Мне оставалось только покачать головой… Интересно живут тут люди. Заговоры плетут, на дуэлях стреляются, родовитых невест похищают, как простых пейзанок.
– Так надо понимать, что граф Бекетов ни с дочкой, ни с нами – внуками, не знается?
– Нет, конечно. Как ты себе это представляешь? Он же Елизавету Александровну приданого сразу лишил и запретил ей на пороге отчего дома появляться.
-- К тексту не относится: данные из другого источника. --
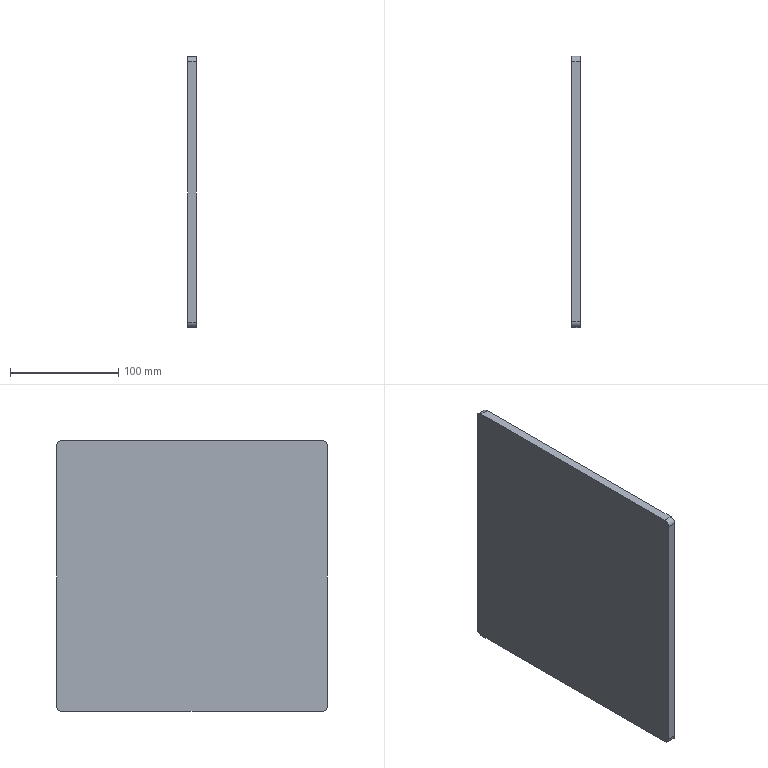Component | SolidWorks | FlipWindow-1 | 1 solid | 10 faces | box 8 x 250 x 250 mm | volume 499828 mm3 | plane 6 | cylinder 4 | commonest cylinder face diameters 10 x4 | material 45
build123d program:
from build123d import *

# Parameters (mm, degrees)
SKETCH1_W           = 250
SKETCH1_H           = 250
BOSS_EXTRUDE1_DEPTH = 8
FILLET1_R           = 5


with BuildPart() as part:
    # Sketch1 → Boss-Extrude1 (new body)
    with BuildSketch(Plane(origin=(0, 0, 0), x_dir=(1, 0, 0), z_dir=(0, 1, 0))):
        Rectangle(SKETCH1_W, SKETCH1_H)
    extrude(amount=BOSS_EXTRUDE1_DEPTH)

    # Fillet1
    fillet1_edges = [part.edges().sort_by_distance(p)[0] for p in [
        (-125, 4, -125),
        (125, 4, -125),
        (125, 4, 125),
        (-125, 4, 125),
    ]]
    fillet(fillet1_edges, radius=FILLET1_R)


solid = part.part

# Placed as in the assembly
solid = solid.moved(Location((-233.359, -177.285, 1075), (0, 0, 90)))
STEP:
#1=COLOUR_RGB('',0.7922,0.8196,0.9333);
#2=FILL_AREA_STYLE_COLOUR('',#1);
#3=FILL_AREA_STYLE('',(#2));
#4=SURFACE_STYLE_FILL_AREA(#3);
#5=SURFACE_SIDE_STYLE('',(#4));
#6=SURFACE_STYLE_USAGE(.BOTH.,#5);
#7=PRESENTATION_STYLE_ASSIGNMENT((#6));
#8=CARTESIAN_POINT('',(-9.187,-11.704,37.402));
#9=VERTEX_POINT('',#8);
#10=CARTESIAN_POINT('',(-9.187,-2.255,37.402));
#11=VERTEX_POINT('',#10);
#12=CARTESIAN_POINT('',(-9.187,-2.058,37.402));
#13=DIRECTION('',(0.,1.,-0.));
#14=VECTOR('',#13,39.37);
#15=LINE('',#12,#14);
#16=EDGE_CURVE('',#9,#11,#15,.T.);
#17=ORIENTED_EDGE('',*,*,#16,.F.);
#18=CARTESIAN_POINT('',(-9.502,-11.704,37.402));
#19=VERTEX_POINT('',#18);
#20=CARTESIAN_POINT('',(-9.187,-11.704,37.402));
#21=DIRECTION('',(-1.,0.,0.));
#22=VECTOR('',#21,39.37);
#23=LINE('',#20,#22);
#24=EDGE_CURVE('',#9,#19,#23,.T.);
#25=ORIENTED_EDGE('',*,*,#24,.T.);
#26=CARTESIAN_POINT('',(-9.502,-2.255,37.402));
#27=VERTEX_POINT('',#26);
#28=CARTESIAN_POINT('',(-9.502,-2.058,37.402));
#29=DIRECTION('',(0.,1.,-0.));
#30=VECTOR('',#29,39.37);
#31=LINE('',#28,#30);
#32=EDGE_CURVE('',#19,#27,#31,.T.);
#33=ORIENTED_EDGE('',*,*,#32,.T.);
#34=CARTESIAN_POINT('',(-9.187,-2.255,37.402));
#35=DIRECTION('',(1.,-0.,0.));
#36=VECTOR('',#35,39.37);
#37=LINE('',#34,#36);
#38=EDGE_CURVE('',#27,#11,#37,.T.);
#39=ORIENTED_EDGE('',*,*,#38,.T.);
#40=EDGE_LOOP('',(#17,#25,#33,#39));
#41=FACE_OUTER_BOUND('',#40,.T.);
#42=CARTESIAN_POINT('',(-9.187,-2.058,37.402));
#43=DIRECTION('',(0.,0.,1.));
#44=DIRECTION('',(-0.,-1.,0.));
#45=AXIS2_PLACEMENT_3D('',#42,#43,#44);
#46=PLANE('',#45);
#47=ADVANCED_FACE('',(#41),#46,.F.);
#48=CARTESIAN_POINT('',(-9.187,-2.058,37.598));
#49=VERTEX_POINT('',#48);
#50=CARTESIAN_POINT('',(-9.187,-2.058,47.047));
#51=VERTEX_POINT('',#50);
#52=CARTESIAN_POINT('',(-9.187,-2.058,47.244));
#53=DIRECTION('',(0.,0.,1.));
#54=VECTOR('',#53,39.37);
#55=LINE('',#52,#54);
#56=EDGE_CURVE('',#49,#51,#55,.T.);
#57=ORIENTED_EDGE('',*,*,#56,.F.);
#58=CARTESIAN_POINT('',(-9.502,-2.058,37.598));
#59=VERTEX_POINT('',#58);
#60=CARTESIAN_POINT('',(-9.187,-2.058,37.598));
#61=DIRECTION('',(-1.,0.,0.));
#62=VECTOR('',#61,39.37);
#63=LINE('',#60,#62);
#64=EDGE_CURVE('',#49,#59,#63,.T.);
#65=ORIENTED_EDGE('',*,*,#64,.T.);
#66=CARTESIAN_POINT('',(-9.502,-2.058,47.047));
#67=VERTEX_POINT('',#66);
#68=CARTESIAN_POINT('',(-9.502,-2.058,47.244));
#69=DIRECTION('',(0.,0.,1.));
#70=VECTOR('',#69,39.37);
#71=LINE('',#68,#70);
#72=EDGE_CURVE('',#59,#67,#71,.T.);
#73=ORIENTED_EDGE('',*,*,#72,.T.);
#74=CARTESIAN_POINT('',(-9.187,-2.058,47.047));
#75=DIRECTION('',(1.,-0.,0.));
#76=VECTOR('',#75,39.37);
#77=LINE('',#74,#76);
#78=EDGE_CURVE('',#67,#51,#77,.T.);
#79=ORIENTED_EDGE('',*,*,#78,.T.);
#80=EDGE_LOOP('',(#57,#65,#73,#79));
#81=FACE_OUTER_BOUND('',#80,.T.);
#82=CARTESIAN_POINT('',(-9.187,-2.058,47.244));
#83=DIRECTION('',(-0.,-1.,0.));
#84=DIRECTION('',(-0.,-0.,-1.));
#85=AXIS2_PLACEMENT_3D('',#82,#83,#84);
#86=PLANE('',#85);
#87=ADVANCED_FACE('',(#81),#86,.F.);
#88=CARTESIAN_POINT('',(-9.502,-2.255,47.244));
#89=VERTEX_POINT('',#88);
#90=CARTESIAN_POINT('',(-9.502,-11.704,47.244));
#91=VERTEX_POINT('',#90);
#92=CARTESIAN_POINT('',(-9.502,-2.058,47.244));
#93=DIRECTION('',(-0.,-1.,0.));
#94=VECTOR('',#93,39.37);
#95=LINE('',#92,#94);
#96=EDGE_CURVE('',#89,#91,#95,.T.);
#97=ORIENTED_EDGE('',*,*,#96,.T.);
#98=CARTESIAN_POINT('',(-9.187,-11.704,47.244));
#99=VERTEX_POINT('',#98);
#100=CARTESIAN_POINT('',(-9.187,-11.704,47.244));
#101=DIRECTION('',(1.,-0.,0.));
#102=VECTOR('',#101,39.37);
#103=LINE('',#100,#102);
#104=EDGE_CURVE('',#91,#99,#103,.T.);
#105=ORIENTED_EDGE('',*,*,#104,.T.);
#106=CARTESIAN_POINT('',(-9.187,-2.255,47.244));
#107=VERTEX_POINT('',#106);
#108=CARTESIAN_POINT('',(-9.187,-2.058,47.244));
#109=DIRECTION('',(-0.,-1.,0.));
#110=VECTOR('',#109,39.37);
#111=LINE('',#108,#110);
#112=EDGE_CURVE('',#107,#99,#111,.T.);
#113=ORIENTED_EDGE('',*,*,#112,.F.);
#114=CARTESIAN_POINT('',(-9.187,-2.255,47.244));
#115=DIRECTION('',(-1.,0.,0.));
#116=VECTOR('',#115,39.37);
#117=LINE('',#114,#116);
#118=EDGE_CURVE('',#107,#89,#117,.T.);
#119=ORIENTED_EDGE('',*,*,#118,.T.);
#120=EDGE_LOOP('',(#97,#105,#113,#119));
#121=FACE_OUTER_BOUND('',#120,.T.);
#122=CARTESIAN_POINT('',(-9.187,-2.058,47.244));
#123=DIRECTION('',(-0.,-0.,-1.));
#124=DIRECTION('',(0.,1.,-0.));
#125=AXIS2_PLACEMENT_3D('',#122,#123,#124);
#126=PLANE('',#125);
#127=ADVANCED_FACE('',(#121),#126,.F.);
#128=CARTESIAN_POINT('',(-9.502,-11.901,47.047));
#129=VERTEX_POINT('',#128);
#130=CARTESIAN_POINT('',(-9.502,-11.901,37.598));
#131=VERTEX_POINT('',#130);
#132=CARTESIAN_POINT('',(-9.502,-11.901,47.244));
#133=DIRECTION('',(-0.,-0.,-1.));
#134=VECTOR('',#133,39.37);
#135=LINE('',#132,#134);
#136=EDGE_CURVE('',#129,#131,#135,.T.);
#137=ORIENTED_EDGE('',*,*,#136,.T.);
#138=CARTESIAN_POINT('',(-9.187,-11.901,37.598));
#139=VERTEX_POINT('',#138);
#140=CARTESIAN_POINT('',(-9.187,-11.901,37.598));
#141=DIRECTION('',(1.,-0.,0.));
#142=VECTOR('',#141,39.37);
#143=LINE('',#140,#142);
#144=EDGE_CURVE('',#131,#139,#143,.T.);
#145=ORIENTED_EDGE('',*,*,#144,.T.);
#146=CARTESIAN_POINT('',(-9.187,-11.901,47.047));
#147=VERTEX_POINT('',#146);
#148=CARTESIAN_POINT('',(-9.187,-11.901,47.244));
#149=DIRECTION('',(-0.,-0.,-1.));
#150=VECTOR('',#149,39.37);
#151=LINE('',#148,#150);
#152=EDGE_CURVE('',#147,#139,#151,.T.);
#153=ORIENTED_EDGE('',*,*,#152,.F.);
#154=CARTESIAN_POINT('',(-9.187,-11.901,47.047));
#155=DIRECTION('',(-1.,0.,0.));
#156=VECTOR('',#155,39.37);
#157=LINE('',#154,#156);
#158=EDGE_CURVE('',#147,#129,#157,.T.);
#159=ORIENTED_EDGE('',*,*,#158,.T.);
#160=EDGE_LOOP('',(#137,#145,#153,#159));
#161=FACE_OUTER_BOUND('',#160,.T.);
#162=CARTESIAN_POINT('',(-9.187,-11.901,47.244));
#163=DIRECTION('',(0.,1.,-0.));
#164=DIRECTION('',(0.,0.,1.));
#165=AXIS2_PLACEMENT_3D('',#162,#163,#164);
#166=PLANE('',#165);
#167=ADVANCED_FACE('',(#161),#166,.F.);
#168=ORIENTED_EDGE('',*,*,#152,.T.);
#169=CARTESIAN_POINT('',(-9.187,-11.704,37.598));
#170=DIRECTION('',(1.,-0.,0.));
#171=DIRECTION('',(0.,1.,0.));
#172=AXIS2_PLACEMENT_3D('',#169,#170,#171);
#173=CIRCLE('',#172,0.1969);
#174=EDGE_CURVE('',#139,#9,#173,.T.);
#175=ORIENTED_EDGE('',*,*,#174,.T.);
#176=ORIENTED_EDGE('',*,*,#16,.T.);
#177=CARTESIAN_POINT('',(-9.187,-2.255,37.598));
#178=DIRECTION('',(1.,-0.,0.));
#179=DIRECTION('',(0.,1.,0.));
#180=AXIS2_PLACEMENT_3D('',#177,#178,#179);
#181=CIRCLE('',#180,0.1969);
#182=EDGE_CURVE('',#11,#49,#181,.T.);
#183=ORIENTED_EDGE('',*,*,#182,.T.);
#184=ORIENTED_EDGE('',*,*,#56,.T.);
#185=CARTESIAN_POINT('',(-9.187,-2.255,47.047));
#186=DIRECTION('',(1.,-0.,0.));
#187=DIRECTION('',(0.,1.,0.));
#188=AXIS2_PLACEMENT_3D('',#185,#186,#187);
#189=CIRCLE('',#188,0.1969);
#190=EDGE_CURVE('',#51,#107,#189,.T.);
#191=ORIENTED_EDGE('',*,*,#190,.T.);
#192=ORIENTED_EDGE('',*,*,#112,.T.);
#193=CARTESIAN_POINT('',(-9.187,-11.704,47.047));
#194=DIRECTION('',(1.,-0.,0.));
#195=DIRECTION('',(0.,1.,0.));
#196=AXIS2_PLACEMENT_3D('',#193,#194,#195);
#197=CIRCLE('',#196,0.1969);
#198=EDGE_CURVE('',#99,#147,#197,.T.);
#199=ORIENTED_EDGE('',*,*,#198,.T.);
#200=EDGE_LOOP('',(#168,#175,#176,#183,#184,#191,#192,#199));
#201=FACE_OUTER_BOUND('',#200,.T.);
#202=CARTESIAN_POINT('',(-9.187,-6.98,42.323));
#203=DIRECTION('',(1.,-0.,0.));
#204=DIRECTION('',(0.,1.,-0.));
#205=AXIS2_PLACEMENT_3D('',#202,#203,#204);
#206=PLANE('',#205);
#207=ADVANCED_FACE('',(#201),#206,.T.);
#208=ORIENTED_EDGE('',*,*,#32,.F.);
#209=CARTESIAN_POINT('',(-9.502,-11.704,37.598));
#210=DIRECTION('',(-1.,0.,0.));
#211=DIRECTION('',(0.,1.,0.));
#212=AXIS2_PLACEMENT_3D('',#209,#210,#211);
#213=CIRCLE('',#212,0.1969);
#214=EDGE_CURVE('',#19,#131,#213,.T.);
#215=ORIENTED_EDGE('',*,*,#214,.T.);
#216=ORIENTED_EDGE('',*,*,#136,.F.);
#217=CARTESIAN_POINT('',(-9.502,-11.704,47.047));
#218=DIRECTION('',(-1.,0.,0.));
#219=DIRECTION('',(0.,1.,0.));
#220=AXIS2_PLACEMENT_3D('',#217,#218,#219);
#221=CIRCLE('',#220,0.1969);
#222=EDGE_CURVE('',#129,#91,#221,.T.);
#223=ORIENTED_EDGE('',*,*,#222,.T.);
#224=ORIENTED_EDGE('',*,*,#96,.F.);
#225=CARTESIAN_POINT('',(-9.502,-2.255,47.047));
#226=DIRECTION('',(-1.,0.,0.));
#227=DIRECTION('',(0.,1.,0.));
#228=AXIS2_PLACEMENT_3D('',#225,#226,#227);
#229=CIRCLE('',#228,0.1969);
#230=EDGE_CURVE('',#89,#67,#229,.T.);
#231=ORIENTED_EDGE('',*,*,#230,.T.);
#232=ORIENTED_EDGE('',*,*,#72,.F.);
#233=CARTESIAN_POINT('',(-9.502,-2.255,37.598));
#234=DIRECTION('',(-1.,0.,0.));
#235=DIRECTION('',(0.,1.,0.));
#236=AXIS2_PLACEMENT_3D('',#233,#234,#235);
#237=CIRCLE('',#236,0.1969);
#238=EDGE_CURVE('',#59,#27,#237,.T.);
#239=ORIENTED_EDGE('',*,*,#238,.T.);
#240=EDGE_LOOP('',(#208,#215,#216,#223,#224,#231,#232,#239));
#241=FACE_OUTER_BOUND('',#240,.T.);
#242=CARTESIAN_POINT('',(-9.502,-6.98,42.323));
#243=DIRECTION('',(1.,-0.,0.));
#244=DIRECTION('',(0.,1.,-0.));
#245=AXIS2_PLACEMENT_3D('',#242,#243,#244);
#246=PLANE('',#245);
#247=ADVANCED_FACE('',(#241),#246,.F.);
#248=ORIENTED_EDGE('',*,*,#174,.F.);
#249=ORIENTED_EDGE('',*,*,#144,.F.);
#250=ORIENTED_EDGE('',*,*,#214,.F.);
#251=ORIENTED_EDGE('',*,*,#24,.F.);
#252=EDGE_LOOP('',(#248,#249,#250,#251));
#253=FACE_OUTER_BOUND('',#252,.T.);
#254=CARTESIAN_POINT('',(-9.187,-11.704,37.598));
#255=DIRECTION('',(-1.,0.,0.));
#256=DIRECTION('',(0.,-1.,0.));
#257=AXIS2_PLACEMENT_3D('',#254,#255,#256);
#258=CYLINDRICAL_SURFACE('',#257,0.1969);
#259=ADVANCED_FACE('',(#253),#258,.T.);
#260=ORIENTED_EDGE('',*,*,#182,.F.);
#261=ORIENTED_EDGE('',*,*,#38,.F.);
#262=ORIENTED_EDGE('',*,*,#238,.F.);
#263=ORIENTED_EDGE('',*,*,#64,.F.);
#264=EDGE_LOOP('',(#260,#261,#262,#263));
#265=FACE_OUTER_BOUND('',#264,.T.);
#266=CARTESIAN_POINT('',(-9.187,-2.255,37.598));
#267=DIRECTION('',(-1.,0.,0.));
#268=DIRECTION('',(0.,-1.,0.));
#269=AXIS2_PLACEMENT_3D('',#266,#267,#268);
#270=CYLINDRICAL_SURFACE('',#269,0.1969);
#271=ADVANCED_FACE('',(#265),#270,.T.);
#272=ORIENTED_EDGE('',*,*,#198,.F.);
#273=ORIENTED_EDGE('',*,*,#104,.F.);
#274=ORIENTED_EDGE('',*,*,#222,.F.);
#275=ORIENTED_EDGE('',*,*,#158,.F.);
#276=EDGE_LOOP('',(#272,#273,#274,#275));
#277=FACE_OUTER_BOUND('',#276,.T.);
#278=CARTESIAN_POINT('',(-9.187,-11.704,47.047));
#279=DIRECTION('',(-1.,0.,0.));
#280=DIRECTION('',(0.,-1.,0.));
#281=AXIS2_PLACEMENT_3D('',#278,#279,#280);
#282=CYLINDRICAL_SURFACE('',#281,0.1969);
#283=ADVANCED_FACE('',(#277),#282,.T.);
#284=ORIENTED_EDGE('',*,*,#190,.F.);
#285=ORIENTED_EDGE('',*,*,#78,.F.);
#286=ORIENTED_EDGE('',*,*,#230,.F.);
#287=ORIENTED_EDGE('',*,*,#118,.F.);
#288=EDGE_LOOP('',(#284,#285,#286,#287));
#289=FACE_OUTER_BOUND('',#288,.T.);
#290=CARTESIAN_POINT('',(-9.187,-2.255,47.047));
#291=DIRECTION('',(-1.,0.,0.));
#292=DIRECTION('',(0.,-1.,0.));
#293=AXIS2_PLACEMENT_3D('',#290,#291,#292);
#294=CYLINDRICAL_SURFACE('',#293,0.1969);
#295=ADVANCED_FACE('',(#289),#294,.T.);
#296=CLOSED_SHELL('',(#47,#87,#127,#167,#207,#247,#259,#271,#283,#295));
#297=MANIFOLD_SOLID_BREP('',#296);
#298=STYLED_ITEM('',(#7),#297);
#299=(LENGTH_UNIT()NAMED_UNIT(*)SI_UNIT($,.METRE.));
#300=LENGTH_MEASURE_WITH_UNIT(LENGTH_MEASURE(0.0254),#299);
#301=DIMENSIONAL_EXPONENTS(1.,0.,0.,0.,0.,0.,0.);
#302=(CONVERSION_BASED_UNIT('',#300)LENGTH_UNIT()NAMED_UNIT(#301));
#303=UNCERTAINTY_MEASURE_WITH_UNIT(LENGTH_MEASURE(0.00001),#302,'','');
#304=(NAMED_UNIT(*)PLANE_ANGLE_UNIT()SI_UNIT($,.RADIAN.));
#305=(NAMED_UNIT(*)SI_UNIT($,.STERADIAN.)SOLID_ANGLE_UNIT());
#306=(GEOMETRIC_REPRESENTATION_CONTEXT(3)GLOBAL_UNCERTAINTY_ASSIGNED_CONTEXT((#303))GLOBAL_UNIT_ASSIGNED_CONTEXT((#302,#304,#305))REPRESENTATION_CONTEXT('',''));
#307=MECHANICAL_DESIGN_GEOMETRIC_PRESENTATION_REPRESENTATION('',(#298),#306);
#308=PRESENTATION_LAYER_ASSIGNMENT('','',(#298));
#309=CARTESIAN_POINT('',(0.,0.,0.));
#310=DIRECTION('',(0.,0.,1.));
#311=DIRECTION('',(1.,0.,0.));
#312=AXIS2_PLACEMENT_3D('',#309,#310,#311);
#313=(LENGTH_UNIT()NAMED_UNIT(*)SI_UNIT($,.METRE.));
#314=LENGTH_MEASURE_WITH_UNIT(LENGTH_MEASURE(0.0254),#313);
#315=DIMENSIONAL_EXPONENTS(1.,0.,0.,0.,0.,0.,0.);
#316=(CONVERSION_BASED_UNIT('',#314)LENGTH_UNIT()NAMED_UNIT(#315));
#317=UNCERTAINTY_MEASURE_WITH_UNIT(LENGTH_MEASURE(0.00001),#316,'','');
#318=(NAMED_UNIT(*)PLANE_ANGLE_UNIT()SI_UNIT($,.RADIAN.));
#319=(NAMED_UNIT(*)SI_UNIT($,.STERADIAN.)SOLID_ANGLE_UNIT());
#320=(GEOMETRIC_REPRESENTATION_CONTEXT(3)GLOBAL_UNCERTAINTY_ASSIGNED_CONTEXT((#317))GLOBAL_UNIT_ASSIGNED_CONTEXT((#316,#318,#319))REPRESENTATION_CONTEXT('',''));
#321=ADVANCED_BREP_SHAPE_REPRESENTATION('',(#297,#312),#320);

Дверь в камеру отворилась, и солдат осветил нас фонарем, заставляя прищуриться и прервать разговор на самом интересном месте.
– Ваши благородия, я извиняюсь, но пора расходиться. Не приведи Господь, начальство пойдет с ночным обходом, нам всем тогда не поздоровится. Завтра еще свидитесь.
– Спасибо, Прохор! За всё тебе спасибо! – поднялся с кровати Южинский. Сжал мою руку и пошел к двери. В дверях обернулся: – Не отчаивайся сильно, Павел Алексеевич. Все, может, еще как-то образуется, божьей милостью…
Глава 4
Меня разбудили рано, но за окном уже рассвело. А поскольку день был снова пасмурным, то в камере также царил сумрак. Вот вроде только уснул после разговора с Южинским, а тут уже снова раздался лязг замка… Но сегодня в дверь вошел незнакомый военный. Судя по всему, офицер, только из младших чинов.
– Сударь, будьте добры одеться и проследовать за мной.
Пришлось вставать. Хорошо хоть офицеру хватило такта выйти из камеры, прикрыв за собой дверь, и одевался я в гордом одиночестве. Подумав, накинул еще шинель на плечи – мало ли куда меня поведут, может, через улицу идти придется. А может, и повезут куда в карете.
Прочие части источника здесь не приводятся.